Non è un grande spendaccione e non ha ripagato i suoi prestiti studenteschi, scegliendo invece di stanziare $ 11 al mese per servirli all’interno di un conto senza interessi. Ha conseguito una laurea in ingegneria aerospaziale e gli piace il calcolo infinitesimale. La sua concept di divertimento è una passeggiata nel parco con la moglie incinta, Claire, con cui sta dal liceo, e il loro figlio di due anni, Micah.

Solo otto anni fa, se avessi chiesto a Lee di immaginarsi come un atleta professionista, per non parlare di un mitigatore della MLB, ti avrebbe detto che period insondabile.

“Quando mi guardo intorno in questa stanza e cerco di essere all’altezza, molte volte non mi sento a mio agio”, cube Lee nel suo stand nella clubhouse di allenamento primaverile dei Toronto Blue Jays, dove si sta preparando a lanciare per i campioni in carica dell’American League dopo uno scambio fuori stagione dai Detroit Tigers.

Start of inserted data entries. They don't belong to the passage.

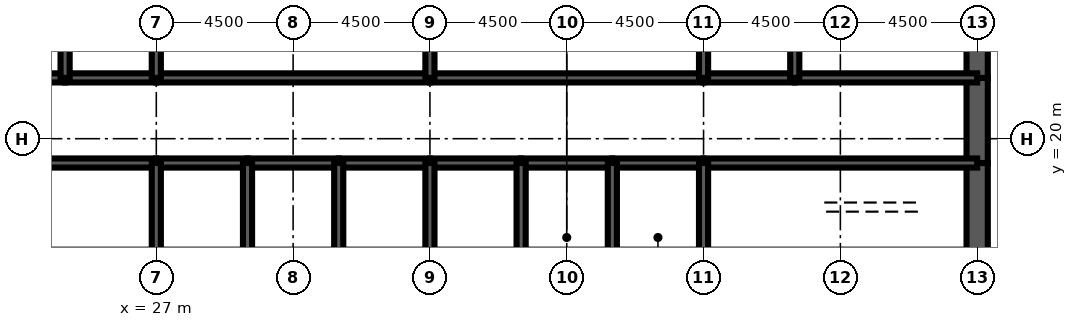
"""IFC4 building model, lengths in metres.
Left out: names, types, materials, properties, quantities, classifications, styles, units other than length and angle.
Written with IfcOpenShell. Run it as: python <this file> out.ifc"""

import sys

from ifc_helpers import new_model, si_unit, direction, frame, frame_2d, origin, place, context, subcontext, project, spatial, rectangle, extrude, element, fill, save


model = new_model("IFC4")
c1 = context("Model", 3, precision=1e-05, world=origin(), true_north=direction((0.0, 1.0)))
c2 = subcontext(c1, "Body", "Model", "MODEL_VIEW")
j1 = project(units=[si_unit("LENGTHUNIT", "METRE"), si_unit("PLANEANGLEUNIT", "RADIAN")], contexts=[c1])
p1 = place(None, origin())
s1 = spatial("IfcSite", under=j1, at=p1, CompositionType="ELEMENT")
p2 = place(p1, origin())
s2 = spatial("IfcBuilding", under=s1, at=p2, CompositionType="ELEMENT")
p3 = place(p2, frame((0.0, 0.0, 287.9)))
s3 = spatial("IfcBuildingStorey", under=s2, at=p3, CompositionType="ELEMENT", Elevation=287.9)
p4 = place(p3, frame((54.0, 16.0, 0.0), z_axis=(0.0, 0.0, 1.0), x_axis=(0.0, 1.0, 0.0)))
e1 = element("IfcWall", 1, at=p4, inside=s3, PredefinedType="SHEAR", context=c2, shape_type="SweptSolid", body=[
    extrude(rectangle(XDim=3.2, YDim=0.7, at=frame_2d((1.6, 0.0))), origin(), (0.0, 0.0, 1.0), 4.2),
])
p5 = place(p3, frame((54.0, 19.2, 0.0), z_axis=(0.0, 0.0, 1.0), x_axis=(0.0, 1.0, 0.0)))
e2 = element("IfcWall", 2, at=p5, inside=s3, PredefinedType="SHEAR", context=c2, shape_type="SweptSolid", body=[
    extrude(rectangle(XDim=2.8, YDim=0.7, at=frame_2d((1.4, 0.0))), origin(), (0.0, 0.0, 1.0), 4.2),
])
p6 = place(p5, frame((0.4, 0.0, 0.0)))
e3 = element("IfcOpeningElement", 3, at=p6, cuts=e2, PredefinedType="OPENING", context=c2, shape_type="SweptSolid", body=[
    extrude(rectangle(XDim=1.8, YDim=2.1, at=frame_2d((0.9, 1.05))), frame((0.0, 0.36, 0.0), z_axis=(0.0, -1.0, 0.0), x_axis=(1.0, 0.0, 0.0)), (0.0, 0.0, 1.0), 0.72),
])
p7 = place(p3, frame((54.0, 22.0, 0.0), z_axis=(0.0, 0.0, 1.0), x_axis=(0.0, 1.0, 0.0)))
e4 = element("IfcWall", 4, at=p7, inside=s3, PredefinedType="SHEAR", context=c2, shape_type="SweptSolid", body=[
    extrude(rectangle(XDim=4.0, YDim=0.7, at=frame_2d((2.0, 0.0))), origin(), (0.0, 0.0, 1.0), 4.2),
])
p8 = place(p3, frame((18.0, 19.2, 0.0), z_axis=(0.0, 0.0, 1.0), x_axis=(1.0, 0.0, 0.0)))
e5 = element("IfcWall", 5, at=p8, inside=s3, PredefinedType="SOLIDWALL", context=c2, shape_type="SweptSolid", body=[
    extrude(rectangle(XDim=9.0, YDim=0.3, at=frame_2d((4.5, 0.0))), origin(), (0.0, 0.0, 1.0), 4.2),
])
p9 = place(p8, frame((0.65, 0.0, 0.0)))
e6 = element("IfcOpeningElement", 6, at=p9, cuts=e5, PredefinedType="OPENING", context=c2, shape_type="SweptSolid", body=[
    extrude(rectangle(XDim=1.0, YDim=2.1, at=frame_2d((0.5, 1.05))), frame((0.0, 0.16, 0.0), z_axis=(0.0, -1.0, 0.0), x_axis=(1.0, 0.0, 0.0)), (0.0, 0.0, 1.0), 0.32),
])
p10 = place(p3, frame((27.0, 19.2, 0.0), z_axis=(0.0, 0.0, 1.0), x_axis=(1.0, 0.0, 0.0)))
e7 = element("IfcWall", 7, at=p10, inside=s3, PredefinedType="SOLIDWALL", context=c2, shape_type="SweptSolid", body=[
    extrude(rectangle(XDim=3.0, YDim=0.3, at=frame_2d((1.5, 0.0))), origin(), (0.0, 0.0, 1.0), 4.2),
])
p11 = place(p10, frame((0.95, 0.0, 0.0)))
e8 = element("IfcOpeningElement", 8, at=p11, cuts=e7, PredefinedType="OPENING", context=c2, shape_type="SweptSolid", body=[
    extrude(rectangle(XDim=1.1, YDim=2.2, at=frame_2d((0.55, 1.1))), frame((0.0, 0.16, 0.0), z_axis=(0.0, -1.0, 0.0), x_axis=(1.0, 0.0, 0.0)), (0.0, 0.0, 1.0), 0.32),
])
p12 = place(p3, frame((30.0, 19.2, 0.0), z_axis=(0.0, 0.0, 1.0), x_axis=(1.0, 0.0, 0.0)))
e9 = element("IfcWall", 9, at=p12, inside=s3, PredefinedType="SOLIDWALL", context=c2, shape_type="SweptSolid", body=[
    extrude(rectangle(XDim=3.0, YDim=0.3, at=frame_2d((1.5, 0.0))), origin(), (0.0, 0.0, 1.0), 4.2),
])
p13 = place(p12, frame((0.95, 0.0, 0.0)))
e10 = element("IfcOpeningElement", 10, at=p13, cuts=e9, PredefinedType="OPENING", context=c2, shape_type="SweptSolid", body=[
    extrude(rectangle(XDim=1.1, YDim=2.2, at=frame_2d((0.55, 1.1))), frame((0.0, 0.16, 0.0), z_axis=(0.0, -1.0, 0.0), x_axis=(1.0, 0.0, 0.0)), (0.0, 0.0, 1.0), 0.32),
])
p14 = place(p3, frame((33.0, 19.2, 0.0), z_axis=(0.0, 0.0, 1.0), x_axis=(1.0, 0.0, 0.0)))
e11 = element("IfcWall", 11, at=p14, inside=s3, PredefinedType="SOLIDWALL", context=c2, shape_type="SweptSolid", body=[
    extrude(rectangle(XDim=3.0, YDim=0.3, at=frame_2d((1.5, 0.0))), origin(), (0.0, 0.0, 1.0), 4.2),
])
p15 = place(p14, frame((0.95, 0.0, 0.0)))
e12 = element("IfcOpeningElement", 12, at=p15, cuts=e11, PredefinedType="OPENING", context=c2, shape_type="SweptSolid", body=[
    extrude(rectangle(XDim=1.1, YDim=2.2, at=frame_2d((0.55, 1.1))), frame((0.0, 0.16, 0.0), z_axis=(0.0, -1.0, 0.0), x_axis=(1.0, 0.0, 0.0)), (0.0, 0.0, 1.0), 0.32),
])
p16 = place(p3, frame((36.0, 19.2, 0.0), z_axis=(0.0, 0.0, 1.0), x_axis=(1.0, 0.0, 0.0)))
e13 = element("IfcWall", 13, at=p16, inside=s3, PredefinedType="SOLIDWALL", context=c2, shape_type="SweptSolid", body=[
    extrude(rectangle(XDim=3.0, YDim=0.3, at=frame_2d((1.5, 0.0))), origin(), (0.0, 0.0, 1.0), 4.2),
])
p17 = place(p16, frame((0.95, 0.0, 0.0)))
e14 = element("IfcOpeningElement", 14, at=p17, cuts=e13, PredefinedType="OPENING", context=c2, shape_type="SweptSolid", body=[
    extrude(rectangle(XDim=1.1, YDim=2.2, at=frame_2d((0.55, 1.1))), frame((0.0, 0.16, 0.0), z_axis=(0.0, -1.0, 0.0), x_axis=(1.0, 0.0, 0.0)), (0.0, 0.0, 1.0), 0.32),
])
p18 = place(p3, frame((39.0, 19.2, 0.0), z_axis=(0.0, 0.0, 1.0), x_axis=(1.0, 0.0, 0.0)))
e15 = element("IfcWall", 15, at=p18, inside=s3, PredefinedType="SOLIDWALL", context=c2, shape_type="SweptSolid", body=[
    extrude(rectangle(XDim=3.0, YDim=0.3, at=frame_2d((1.5, 0.0))), origin(), (0.0, 0.0, 1.0), 4.2),
])
p19 = place(p18, frame((1.0, 0.0, 0.0)))
e16 = element("IfcOpeningElement", 16, at=p19, cuts=e15, PredefinedType="OPENING", context=c2, shape_type="SweptSolid", body=[
    extrude(rectangle(XDim=1.0, YDim=2.1, at=frame_2d((0.5, 1.05))), frame((0.0, 0.16, 0.0), z_axis=(0.0, -1.0, 0.0), x_axis=(1.0, 0.0, 0.0)), (0.0, 0.0, 1.0), 0.32),
])
p20 = place(p3, frame((42.0, 19.2, 0.0), z_axis=(0.0, 0.0, 1.0), x_axis=(1.0, 0.0, 0.0)))
e17 = element("IfcWall", 17, at=p20, inside=s3, PredefinedType="SOLIDWALL", context=c2, shape_type="SweptSolid", body=[
    extrude(rectangle(XDim=3.0, YDim=0.3, at=frame_2d((1.5, 0.0))), origin(), (0.0, 0.0, 1.0), 4.2),
])
p21 = place(p20, frame((1.0, 0.0, 0.0)))
e18 = element("IfcOpeningElement", 18, at=p21, cuts=e17, PredefinedType="OPENING", context=c2, shape_type="SweptSolid", body=[
    extrude(rectangle(XDim=1.0, YDim=2.1, at=frame_2d((0.5, 1.05))), frame((0.0, 0.16, 0.0), z_axis=(0.0, -1.0, 0.0), x_axis=(1.0, 0.0, 0.0)), (0.0, 0.0, 1.0), 0.32),
])
p22 = place(p3, frame((45.0, 19.2, 0.0), z_axis=(0.0, 0.0, 1.0), x_axis=(1.0, 0.0, 0.0)))
e19 = element("IfcWall", 19, at=p22, inside=s3, PredefinedType="SOLIDWALL", context=c2, shape_type="SweptSolid", body=[
    extrude(rectangle(XDim=9.0, YDim=0.3, at=frame_2d((4.5, 0.0))), origin(), (0.0, 0.0, 1.0), 4.2),
])
p23 = place(p22, frame((7.35, 0.0, 0.0)))
e20 = element("IfcOpeningElement", 20, at=p23, cuts=e19, PredefinedType="OPENING", context=c2, shape_type="SweptSolid", body=[
    extrude(rectangle(XDim=1.0, YDim=2.1, at=frame_2d((0.5, 1.05))), frame((0.0, 0.16, 0.0), z_axis=(0.0, -1.0, 0.0), x_axis=(1.0, 0.0, 0.0)), (0.0, 0.0, 1.0), 0.32),
])
p24 = place(p3, frame((18.0, 22.0, 0.0), z_axis=(0.0, 0.0, 1.0), x_axis=(1.0, 0.0, 0.0)))
e21 = element("IfcWall", 21, at=p24, inside=s3, PredefinedType="SOLIDWALL", context=c2, shape_type="SweptSolid", body=[
    extrude(rectangle(XDim=6.0, YDim=0.3, at=frame_2d((3.0, 0.0))), origin(), (0.0, 0.0, 1.0), 4.2),
])
p25 = place(p24, frame((4.4, 0.0, 0.0)))
e22 = element("IfcOpeningElement", 22, at=p25, cuts=e21, PredefinedType="OPENING", context=c2, shape_type="SweptSolid", body=[
    extrude(rectangle(XDim=1.0, YDim=2.1, at=frame_2d((0.5, 1.05))), frame((0.0, 0.16, 0.0), z_axis=(0.0, -1.0, 0.0), x_axis=(1.0, 0.0, 0.0)), (0.0, 0.0, 1.0), 0.32),
])
p26 = place(p24, frame((0.75, 0.0, 0.0)))
e23 = element("IfcOpeningElement", 23, at=p26, cuts=e21, PredefinedType="OPENING", context=c2, shape_type="SweptSolid", body=[
    extrude(rectangle(XDim=1.0, YDim=2.1, at=frame_2d((0.5, 1.05))), frame((0.0, 0.16, 0.0), z_axis=(0.0, -1.0, 0.0), x_axis=(1.0, 0.0, 0.0)), (0.0, 0.0, 1.0), 0.32),
])
p27 = place(p3, frame((24.0, 22.0, 0.0), z_axis=(0.0, 0.0, 1.0), x_axis=(1.0, 0.0, 0.0)))
e24 = element("IfcWall", 24, at=p27, inside=s3, PredefinedType="SOLIDWALL", context=c2, shape_type="SweptSolid", body=[
    extrude(rectangle(XDim=3.0, YDim=0.3, at=frame_2d((1.5, 0.0))), origin(), (0.0, 0.0, 1.0), 4.2),
])
p28 = place(p27, frame((1.0, 0.0, 0.0)))
e25 = element("IfcOpeningElement", 25, at=p28, cuts=e24, PredefinedType="OPENING", context=c2, shape_type="SweptSolid", body=[
    extrude(rectangle(XDim=1.0, YDim=2.1, at=frame_2d((0.5, 1.05))), frame((0.0, 0.16, 0.0), z_axis=(0.0, -1.0, 0.0), x_axis=(1.0, 0.0, 0.0)), (0.0, 0.0, 1.0), 0.32),
])
p29 = place(p3, frame((27.0, 22.0, 0.0), z_axis=(0.0, 0.0, 1.0), x_axis=(1.0, 0.0, 0.0)))
e26 = element("IfcWall", 26, at=p29, inside=s3, PredefinedType="SOLIDWALL", context=c2, shape_type="SweptSolid", body=[
    extrude(rectangle(XDim=9.0, YDim=0.3, at=frame_2d((4.5, 0.0))), origin(), (0.0, 0.0, 1.0), 4.2),
])
p30 = place(p29, frame((4.0, 0.0, 0.0)))
e27 = element("IfcOpeningElement", 27, at=p30, cuts=e26, PredefinedType="OPENING", context=c2, shape_type="SweptSolid", body=[
    extrude(rectangle(XDim=1.0, YDim=2.1, at=frame_2d((0.5, 1.05))), frame((0.0, 0.16, 0.0), z_axis=(0.0, -1.0, 0.0), x_axis=(1.0, 0.0, 0.0)), (0.0, 0.0, 1.0), 0.32),
])
p31 = place(p3, frame((36.0, 22.0, 0.0), z_axis=(0.0, 0.0, 1.0), x_axis=(1.0, 0.0, 0.0)))
e28 = element("IfcWall", 28, at=p31, inside=s3, PredefinedType="SOLIDWALL", context=c2, shape_type="SweptSolid", body=[
    extrude(rectangle(XDim=9.0, YDim=0.3, at=frame_2d((4.5, 0.0))), origin(), (0.0, 0.0, 1.0), 4.2),
])
p32 = place(p31, frame((4.0, 0.0, 0.0)))
e29 = element("IfcOpeningElement", 29, at=p32, cuts=e28, PredefinedType="OPENING", context=c2, shape_type="SweptSolid", body=[
    extrude(rectangle(XDim=1.0, YDim=2.1, at=frame_2d((0.5, 1.05))), frame((0.0, 0.16, 0.0), z_axis=(0.0, -1.0, 0.0), x_axis=(1.0, 0.0, 0.0)), (0.0, 0.0, 1.0), 0.32),
])
p33 = place(p3, frame((45.0, 22.0, 0.0), z_axis=(0.0, 0.0, 1.0), x_axis=(1.0, 0.0, 0.0)))
e30 = element("IfcWall", 30, at=p33, inside=s3, PredefinedType="SOLIDWALL", context=c2, shape_type="SweptSolid", body=[
    extrude(rectangle(XDim=3.0, YDim=0.3, at=frame_2d((1.5, 0.0))), origin(), (0.0, 0.0, 1.0), 4.2),
])
p34 = place(p33, frame((1.0, 0.0, 0.0)))
e31 = element("IfcOpeningElement", 31, at=p34, cuts=e30, PredefinedType="OPENING", context=c2, shape_type="SweptSolid", body=[
    extrude(rectangle(XDim=1.0, YDim=2.1, at=frame_2d((0.5, 1.05))), frame((0.0, 0.16, 0.0), z_axis=(0.0, -1.0, 0.0), x_axis=(1.0, 0.0, 0.0)), (0.0, 0.0, 1.0), 0.32),
])
p35 = place(p3, frame((48.0, 22.0, 0.0), z_axis=(0.0, 0.0, 1.0), x_axis=(1.0, 0.0, 0.0)))
e32 = element("IfcWall", 32, at=p35, inside=s3, PredefinedType="SOLIDWALL", context=c2, shape_type="SweptSolid", body=[
    extrude(rectangle(XDim=6.0, YDim=0.3, at=frame_2d((3.0, 0.0))), origin(), (0.0, 0.0, 1.0), 4.2),
])
p36 = place(p35, frame((2.0, 0.0, 0.0)))
e33 = element("IfcOpeningElement", 33, at=p36, cuts=e32, PredefinedType="OPENING", context=c2, shape_type="SweptSolid", body=[
    extrude(rectangle(XDim=1.0, YDim=2.1, at=frame_2d((0.5, 1.05))), frame((0.0, 0.16, 0.0), z_axis=(0.0, -1.0, 0.0), x_axis=(1.0, 0.0, 0.0)), (0.0, 0.0, 1.0), 0.32),
])
for number, where, z_axis, x_axis in (
    (34, (27.0, 16.0, 0.0), (0.0, 0.0, 1.0), (0.0, 1.0, 0.0)),
    (35, (30.0, 16.0, 0.0), (0.0, 0.0, 1.0), (0.0, 1.0, 0.0)),
    (36, (33.0, 16.0, 0.0), (0.0, 0.0, 1.0), (0.0, 1.0, 0.0)),
    (37, (36.0, 16.0, 0.0), (0.0, 0.0, 1.0), (0.0, 1.0, 0.0)),
    (38, (39.0, 16.0, 0.0), (0.0, 0.0, 1.0), (0.0, 1.0, 0.0)),
    (39, (42.0, 16.0, 0.0), (0.0, 0.0, 1.0), (0.0, 1.0, 0.0)),
    (40, (45.0, 16.0, 0.0), (0.0, 0.0, 1.0), (0.0, 1.0, 0.0)),
):
    element("IfcWall", number, at=place(p3, frame(where, z_axis=z_axis, x_axis=x_axis)), inside=s3, PredefinedType="SOLIDWALL", context=c2, shape_type="SweptSolid", body=[
        extrude(rectangle(XDim=3.2, YDim=0.3, at=frame_2d((1.6, 0.0))), origin(), (0.0, 0.0, 1.0), 4.2),
    ])
for number, where, z_axis, x_axis in (
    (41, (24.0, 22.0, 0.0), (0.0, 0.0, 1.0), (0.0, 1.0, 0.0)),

“Per quanto riguarda le competenze, mi sento come se fossi lì. So di poter presentare. Ma è come, ‘Cavolo, qualche anno fa stavo facendo calcoli senza nemmeno pensarci. Come sono finito qui?'”

Beh, è ​​una storia divertente. Lee è cresciuto sognando di giocare a baseball per l’Alabama, la sua amata squadra del faculty. Ma quando period un liceale di 130 libbre che lavorava al drive-through al Chick-fil-A e interpretava un interbase così così, solo una scuola: Div. III Covenant School di Chattanooga – gli ha fatto un’offerta per giocare a baseball. Quindi, ha scelto la cosa migliore: frequentare l’Alabama con una borsa di studio accademica.

Ora, Lee non ha studiato ingegneria aerospaziale perché voleva progettare modelli ed eseguire codice per la Boeing. Si è iscritto perché la mentalità notevolmente pragmatica di un diciottenne – “debiti cattivi, soldi meglio”, lo descrive – lo ha portato a ricercare i lavori più pagati della società americana, che ha prodotto diversi titoli con la parola “ingegnere” associata. Anche molti dottori, ma lui non amava la biologia. Calcolo, gli piaceva. E “aerospaziale” suonava semplicemente fantastico.

Aveva da tempo fatto i conti con la superb dei suoi giorni da giocatore di baseball quando mise piede per la prima volta nel campus nell’agosto 2017, finché i suoi genitori non gli parlarono delle show universitarie aperte dell’Alabama il mese successivo. La sua prima aspirazione period indossare un’uniforme dei Crimson Tide, gli dissero. Si stava davvero rendendo giustizia se almeno non si fosse presentato per provarci?

“Praticamente mi hanno costretto advert andare. Ho pensato, ‘Cosa sto facendo? Non potrei nemmeno formare una squadra universitaria. Vuoi che vada e mi metta in imbarazzo?'” Ricorda Lee. “Ma ci sono andato. Non ce l’ho fatta.”

Quello è stato il primo anno di un nuovo employees dell’Alabama sotto la guida dell’allenatore Brad Bohannon e dell’allenatore dei lanciatori Jason Jackson. La loro classe di lanciatori period scarsa, quindi gli allenatori hanno detto ai provini dei giocatori di ruolo che se avessero mai lanciato prima avrebbero potuto salire sul monte e mostrare quello che sanno fare. Lee aveva una manciata di inning al liceo al suo attivo dalle partite in cui la sua squadra rimase senza lanciatori. Ed period già al provino con le scarpette da baseball e i pantaloni da baseball, quindi ci ha provato.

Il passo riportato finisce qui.